Figure 4. The repressive activity of D11.12 is dependent on BMI1, EED, and RYBP

Western blots of BMI1, EED, and RYBP knockdown in MSCs. Western blots of beta-actin were used to demonstrate equal loading of samples. (B) qRT-PCR results p16/Arf and vimentin in the 3 different BMI1 knockdown cells (Bmi1(a), Bmi1(b), Bmi1(ab), EED knockdown cells (Eed(a), Eed(b), Eed(ab)), and RYBP knockdown cells (RYBP(a), RYBP(b), RYBP(ab)). (C) Luciferase activity of pLuc, YY1pLuc, and D11.12 in the scrambled, BMI1, SUZ12, and RYBP knockdown cells. Data are represented as mean +/−SEM. See Figure S4 for HOXD11-D13 expression levels in the knockdown cells.

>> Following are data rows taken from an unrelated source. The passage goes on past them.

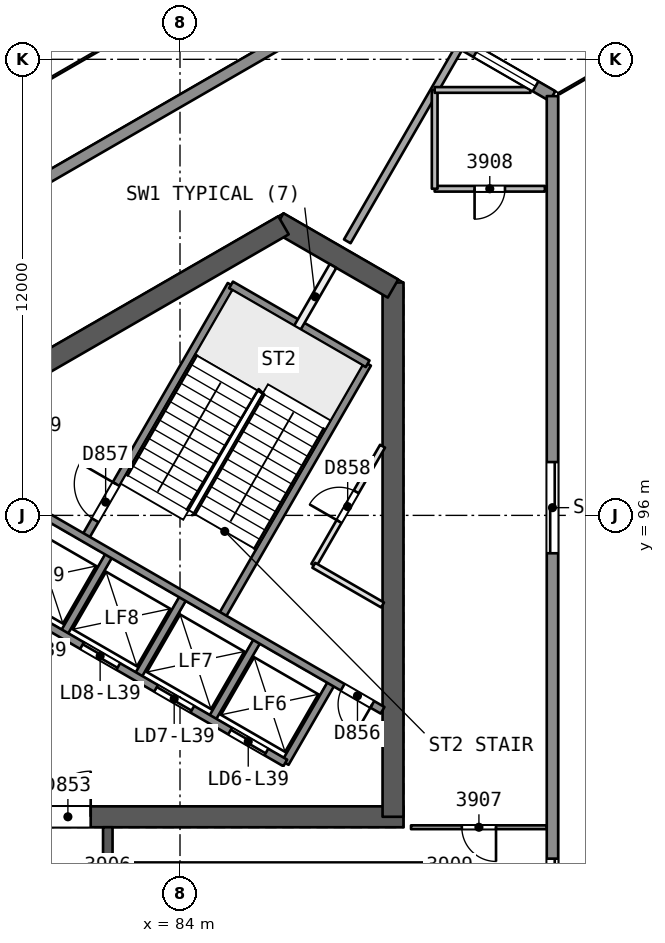
"""IFC4 building model, lengths in metres.
Left out: names, types, materials, properties, quantities, classifications, styles, units other than length and angle.
Written with IfcOpenShell. Run it as: python <this file> out.ifc"""

import sys

from ifc_helpers import new_model, si_unit, direction, frame, frame_2d, origin, place, context, subcontext, project, spatial, rectangle, extrude, element, fill, save


model = new_model("IFC4")
c1 = context("Model", 3, precision=1e-05, world=origin(), true_north=direction((0.0, 1.0)))
c2 = subcontext(c1, "Body", "Model", "MODEL_VIEW")
j1 = project(units=[si_unit("LENGTHUNIT", "METRE"), si_unit("PLANEANGLEUNIT", "RADIAN")], contexts=[c1])
p1 = place(None, origin())
s1 = spatial("IfcSite", under=j1, at=p1, CompositionType="ELEMENT")
p2 = place(p1, origin())
s2 = spatial("IfcBuilding", under=s1, at=p2, CompositionType="ELEMENT")
p3 = place(p2, frame((0.0, 0.0, 163.7)))
s3 = spatial("IfcBuildingStorey", under=s2, at=p3, CompositionType="ELEMENT", Elevation=163.7)
p4 = place(p3, frame((79.659, 88.069, 0.0), z_axis=(0.0, 0.0, 1.0), x_axis=(1.0, 0.0, 0.0)))
e1 = element("IfcWall", 1, at=p4, inside=s3, PredefinedType="SHEAR", context=c2, shape_type="SweptSolid", body=[
    extrude(rectangle(XDim=10.221, YDim=0.55, at=frame_2d((5.111, 0.0))), origin(), (0.0, 0.0, 1.0), 3.7),
])
p5 = place(p4, frame((0.791, 0.0, 0.0)))
e2 = element("IfcOpeningElement", 2, at=p5, cuts=e1, PredefinedType="OPENING", context=c2, shape_type="SweptSolid", body=[
    extrude(rectangle(XDim=1.2, YDim=2.1, at=frame_2d((0.6, 1.05))), frame((0.0, 0.286, 0.0), z_axis=(0.0, -1.0, 0.0), x_axis=(1.0, 0.0, 0.0)), (0.0, 0.0, 1.0), 0.571),
])
p6 = place(p3, frame((89.605, 88.069, 0.0), z_axis=(0.0, 0.0, 1.0), x_axis=(0.0, 1.0, 0.0)))
e3 = element("IfcWall", 3, at=p6, inside=s3, PredefinedType="SHEAR", context=c2, shape_type="SweptSolid", body=[
    extrude(rectangle(XDim=14.058, YDim=0.55, at=frame_2d((7.029, 0.0))), origin(), (0.0, 0.0, 1.0), 3.7),
])
p7 = place(p3, frame((89.605, 101.969, 0.0), z_axis=(0.0, 0.0, 1.0), x_axis=(-0.865997833373, 0.500047750313, 0.0)))
e4 = element("IfcWall", 4, at=p7, inside=s3, PredefinedType="SHEAR", context=c2, shape_type="SweptSolid", body=[
    extrude(rectangle(XDim=3.487, YDim=0.55, at=frame_2d((1.743, 0.0))), origin(), (0.0, 0.0, 1.0), 3.7),
])
p8 = place(p3, frame((86.723, 103.633, 0.0), z_axis=(0.0, 0.0, 1.0), x_axis=(-0.866023530946, -0.500003243837, 0.0)))
e5 = element("IfcWall", 5, at=p8, inside=s3, PredefinedType="SHEAR", context=c2, shape_type="SweptSolid", body=[
    extrude(rectangle(XDim=14.175, YDim=0.55, at=frame_2d((7.087, 0.0))), origin(), (0.0, 0.0, 1.0), 3.7),
])
p9 = place(p3, frame((82.1, 72.206, 0.0), z_axis=(0.0, 0.0, 1.0), x_axis=(0.0, 1.0, 0.0)))
e6 = element("IfcWall", 6, at=p9, inside=s3, PredefinedType="SHEAR", context=c2, shape_type="SweptSolid", body=[
    extrude(rectangle(XDim=15.588, YDim=0.25, at=frame_2d((7.794, 0.0))), origin(), (0.0, 0.0, 1.0), 3.25),
])
p10 = place(p9, frame((2.618, 0.0, 0.0)))
e7 = element("IfcOpeningElement", 7, at=p10, cuts=e6, PredefinedType="OPENING", context=c2, shape_type="SweptSolid", body=[
    extrude(rectangle(XDim=1.0, YDim=2.1, at=frame_2d((0.5, 1.05))), frame((0.0, 0.135, 0.0), z_axis=(0.0, -1.0, 0.0), x_axis=(1.0, 0.0, 0.0)), (0.0, 0.0, 1.0), 0.271),
])
p11 = place(p9, frame((8.285, 0.0, 0.0)))
e8 = element("IfcOpeningElement", 8, at=p11, cuts=e6, PredefinedType="OPENING", context=c2, shape_type="SweptSolid", body=[
    extrude(rectangle(XDim=1.2, YDim=2.4, at=frame_2d((0.6, 1.2))), frame((0.0, 0.135, 0.0), z_axis=(0.0, -1.0, 0.0), x_axis=(1.0, 0.0, 0.0)), (0.0, 0.0, 1.0), 0.271),
])
p12 = place(p9, frame((13.062, 0.0, 0.0)))
e9 = element("IfcOpeningElement", 9, at=p12, cuts=e6, PredefinedType="OPENING", context=c2, shape_type="SweptSolid", body=[
    extrude(rectangle(XDim=1.0, YDim=2.1, at=frame_2d((0.5, 1.05))), frame((0.0, 0.135, 0.0), z_axis=(0.0, -1.0, 0.0), x_axis=(1.0, 0.0, 0.0)), (0.0, 0.0, 1.0), 0.271),
])
p13 = place(p3, frame((93.652, 87.794, 0.0), z_axis=(0.0, 0.0, 1.0), x_axis=(-1.0, 0.0, 0.0)))
e10 = element("IfcWall", 10, at=p13, inside=s3, PredefinedType="PARTITIONING", context=c2, shape_type="SweptSolid", body=[
    extrude(rectangle(XDim=3.573, YDim=0.1, at=frame_2d((1.786, 0.0))), origin(), (0.0, 0.0, 1.0), 3.25),
])
p14 = place(p13, frame((1.336, 0.0, 0.0)))
e11 = element("IfcOpeningElement", 11, at=p14, cuts=e10, PredefinedType="OPENING", context=c2, shape_type="SweptSolid", body=[
    extrude(rectangle(XDim=0.9, YDim=2.1, at=frame_2d((0.45, 1.05))), frame((0.0, 0.061, 0.0), z_axis=(0.0, -1.0, 0.0), x_axis=(1.0, 0.0, 0.0)), (0.0, 0.0, 1.0), 0.121),
])
p15 = place(p3, frame((82.1, 86.768, 0.0), z_axis=(0.0, 0.0, 1.0), x_axis=(1.0, 0.0, 0.0)))
e12 = element("IfcWall", 12, at=p15, inside=s3, PredefinedType="PARTITIONING", context=c2, shape_type="SweptSolid", body=[
    extrude(rectangle(XDim=9.0, YDim=0.2, at=frame_2d((4.5, 0.0))), origin(), (0.0, 0.0, 1.0), 3.25),
])
p16 = place(p3, frame((93.602, 104.594, 0.0), z_axis=(0.0, 0.0, 1.0), x_axis=(-1.0, 0.0, 0.0)))
e13 = element("IfcWall", 13, at=p16, inside=s3, PredefinedType="PARTITIONING", context=c2, shape_type="SweptSolid", body=[
    extrude(rectangle(XDim=2.9, YDim=0.15, at=frame_2d((1.45, 0.0))), origin(), (0.0, 0.0, 1.0), 3.25),
])
p17 = place(p16, frame((1.05, 0.0, 0.0)))
e14 = element("IfcOpeningElement", 14, at=p17, cuts=e13, PredefinedType="OPENING", context=c2, shape_type="SweptSolid", body=[
    extrude(rectangle(XDim=0.8, YDim=2.1, at=frame_2d((0.4, 1.05))), frame((0.0, 0.085, 0.0), z_axis=(0.0, -1.0, 0.0), x_axis=(1.0, 0.0, 0.0)), (0.0, 0.0, 1.0), 0.171),
])
p18 = place(p3, frame((90.702, 104.594, 0.0), z_axis=(0.0, 0.0, 1.0), x_axis=(0.0, 1.0, 0.0)))
e15 = element("IfcWall", 15, at=p18, inside=s3, PredefinedType="PARTITIONING", context=c2, shape_type="SweptSolid", body=[
    extrude(rectangle(XDim=2.6, YDim=0.15, at=frame_2d((1.3, 0.0))), origin(), (0.0, 0.0, 1.0), 3.25),
])
p19 = place(p3, frame((90.702, 107.194, 0.0), z_axis=(0.0, 0.0, 1.0), x_axis=(1.0, 0.0, 0.0)))
e16 = element("IfcWall", 16, at=p19, inside=s3, PredefinedType="PARTITIONING", context=c2, shape_type="SweptSolid", body=[
    extrude(rectangle(XDim=2.521, YDim=0.15, at=frame_2d((1.26, 0.0))), origin(), (0.0, 0.0, 1.0), 3.25),
])
p20 = place(p3, frame((91.332, 108.286, 0.0), z_axis=(0.0, 0.0, 1.0), x_axis=(-0.499988124798, -0.866032259827, 0.0)))
e17 = element("IfcWall", 17, at=p20, inside=s3, PredefinedType="PARTITIONING", context=c2, shape_type="SweptSolid", body=[
    extrude(rectangle(XDim=5.86, YDim=0.2, at=frame_2d((2.93, 0.0))), origin(), (0.0, 0.0, 1.0), 3.25),
])
p21 = place(p3, frame((89.01, 109.798, 0.0), z_axis=(0.0, 0.0, 1.0), x_axis=(0.86602095052, -0.500007713201, 0.0)))
e18 = element("IfcWall", 18, at=p21, inside=s3, PredefinedType="SOLIDWALL", context=c2, shape_type="SweptSolid", body=[
    extrude(rectangle(XDim=5.532, YDim=0.3, at=frame_2d((2.766, 0.0))), origin(), (0.0, 0.0, 1.0), 3.25),
])
p22 = place(p21, frame((3.217, 0.0, 0.9)))
e19 = element("IfcOpeningElement", 19, at=p22, cuts=e18, PredefinedType="OPENING", context=c2, shape_type="SweptSolid", body=[
    extrude(rectangle(XDim=1.8, YDim=1.5, at=frame_2d((0.9, 0.75))), frame((0.0, 0.161, 0.0), z_axis=(0.0, -1.0, 0.0), x_axis=(1.0, 0.0, 0.0)), (0.0, 0.0, 1.0), 0.321),
])
p23 = place(p21, frame((0.44, 0.0, 0.9)))
e20 = element("IfcOpeningElement", 20, at=p23, cuts=e18, PredefinedType="OPENING", context=c2, shape_type="SweptSolid", body=[
    extrude(rectangle(XDim=1.8, YDim=1.5, at=frame_2d((0.9, 0.75))), frame((0.0, 0.161, 0.0), z_axis=(0.0, -1.0, 0.0), x_axis=(1.0, 0.0, 0.0)), (0.0, 0.0, 1.0), 0.321),
])
p24 = place(p3, frame((93.801, 107.032, 0.0), z_axis=(0.0, 0.0, 1.0), x_axis=(0.0, -1.0, 0.0)))
e21 = element("IfcWall", 21, at=p24, inside=s3, PredefinedType="SOLIDWALL", context=c2, shape_type="SweptSolid", body=[
    extrude(rectangle(XDim=54.064, YDim=0.3, at=frame_2d((27.032, 0.0))), origin(), (0.0, 0.0, 1.0), 3.25),
])
p25 = place(p24, frame((30.509, 0.0, 0.0)))
e22 = element("IfcOpeningElement", 22, at=p25, cuts=e21, PredefinedType="OPENING", context=c2, shape_type="SweptSolid", body=[
    extrude(rectangle(XDim=2.4, YDim=2.4, at=frame_2d((1.2, 1.2))), frame((0.0, 0.161, 0.0), z_axis=(0.0, -1.0, 0.0), x_axis=(1.0, 0.0, 0.0)), (0.0, 0.0, 1.0), 0.321),
])
p26 = place(p24, frame((42.011, 0.0, 0.0)))
e23 = element("IfcOpeningElement", 23, at=p26, cuts=e21, PredefinedType="OPENING", context=c2, shape_type="SweptSolid", body=[
    extrude(rectangle(XDim=2.4, YDim=2.4, at=frame_2d((1.2, 1.2))), frame((0.0, 0.161, 0.0), z_axis=(0.0, -1.0, 0.0), x_axis=(1.0, 0.0, 0.0)), (0.0, 0.0, 1.0), 0.321),
])
p27 = place(p24, frame((20.065, 0.0, 0.0)))
e24 = element("IfcOpeningElement", 24, at=p27, cuts=e21, PredefinedType="OPENING", context=c2, shape_type="SweptSolid", body=[
    extrude(rectangle(XDim=2.4, YDim=2.4, at=frame_2d((1.2, 1.2))), frame((0.0, 0.161, 0.0), z_axis=(0.0, -1.0, 0.0), x_axis=(1.0, 0.0, 0.0)), (0.0, 0.0, 1.0), 0.321),
])
p28 = place(p24, frame((9.629, 0.0, 0.0)))
e25 = element("IfcOpeningElement", 25, at=p28, cuts=e21, PredefinedType="OPENING", context=c2, shape_type="SweptSolid", body=[
    extrude(rectangle(XDim=2.4, YDim=2.4, at=frame_2d((1.2, 1.2))), frame((0.0, 0.161, 0.0), z_axis=(0.0, -1.0, 0.0), x_axis=(1.0, 0.0, 0.0)), (0.0, 0.0, 1.0), 0.321),
])
p29 = place(p24, frame((25.041, 0.0, 0.9)))
e26 = element("IfcOpeningElement", 26, at=p29, cuts=e21, PredefinedType="OPENING", context=c2, shape_type="SweptSolid", body=[
    extrude(rectangle(XDim=1.8, YDim=1.5, at=frame_2d((0.9, 0.75))), frame((0.0, 0.161, 0.0), z_axis=(0.0, -1.0, 0.0), x_axis=(1.0, 0.0, 0.0)), (0.0, 0.0, 1.0), 0.321),
])
p30 = place(p3, frame((42.189, 82.766, 0.0), z_axis=(0.0, 0.0, 1.0), x_axis=(0.866025862562, 0.499999205373, 0.0)))
e27 = element("IfcWall", 27, at=p30, inside=s3, PredefinedType="SOLIDWALL", context=c2, shape_type="SweptSolid", body=[
    extrude(rectangle(XDim=54.064, YDim=0.3, at=frame_2d((27.032, 0.0))), origin(), (0.0, 0.0, 1.0), 3.25),
])
p31 = place(p30, frame((20.688, 0.0, 0.0)))
e28 = element("IfcOpeningElement", 28, at=p31, cuts=e27, PredefinedType="OPENING", context=c2, shape_type="SweptSolid", body=[
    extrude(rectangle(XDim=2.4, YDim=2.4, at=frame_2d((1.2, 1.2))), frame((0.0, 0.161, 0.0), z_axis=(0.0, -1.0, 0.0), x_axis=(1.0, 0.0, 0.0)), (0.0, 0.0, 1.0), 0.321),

Figure 5. D11.12 repression is maintained when MSCs are differentiated into adipocytes

(A) D11.12 construct in the stable cell lines. FRT sites flank D11.12 and insulators flank the D11.12 construct. (B) qRT-PCR from adipocytes (Adi(+)) derived from MSCs carrying the stably integrated D11.12 luciferase construct and from BMI1, SUZ12, and RYBP knockdown Adi(+) cells shows PPAR-gamma, AdipoQ, CEBP-alpha, vimentin, DSC54, and brachyury were similarly expressed in the adipocytes and Adi(+) cells. (*) were not detectable. (C) Luciferase results from MSC(+), MSC(−), Adi(+) and Adi(−) cells normalized by beta-galactosidase measurements. Adi(+) cells infected with scrambled, BMI1, SUZ12, and RYBP lentiviruses were assayed in parallel. Data are represented as mean +/−SEM (D) Bar graphs represent results from ChIP-qPCR experiments for MSC(+), MSC(−), Adi(+), and Adi(−) cells for BMI1, SUZ12, H3, and H3K27me3 at the promoter and the luciferase gene. ChIP results represented as Normalized % Input were normalized for the % input of histone H3. (E) ChIP-qPCR results for Bmi1, Suz12, and H3K27me3 from Adi(+) cells and lentiviral control, BMI1, SUZ12, and RYBP knockdown derivatives. Data are represented as mean +/−SEM.

Figure 6. PcG proteins are enriched at the endogenous D11.12 in different cell types

ChIP-qPCR results of BMI1, SUZ12, YY1, H3, and H3K27me3 at the endogenous D11.12 region in MSCs. Results are represented as % input and were not normalized against histone H3. Data are represented as mean +/−SEM.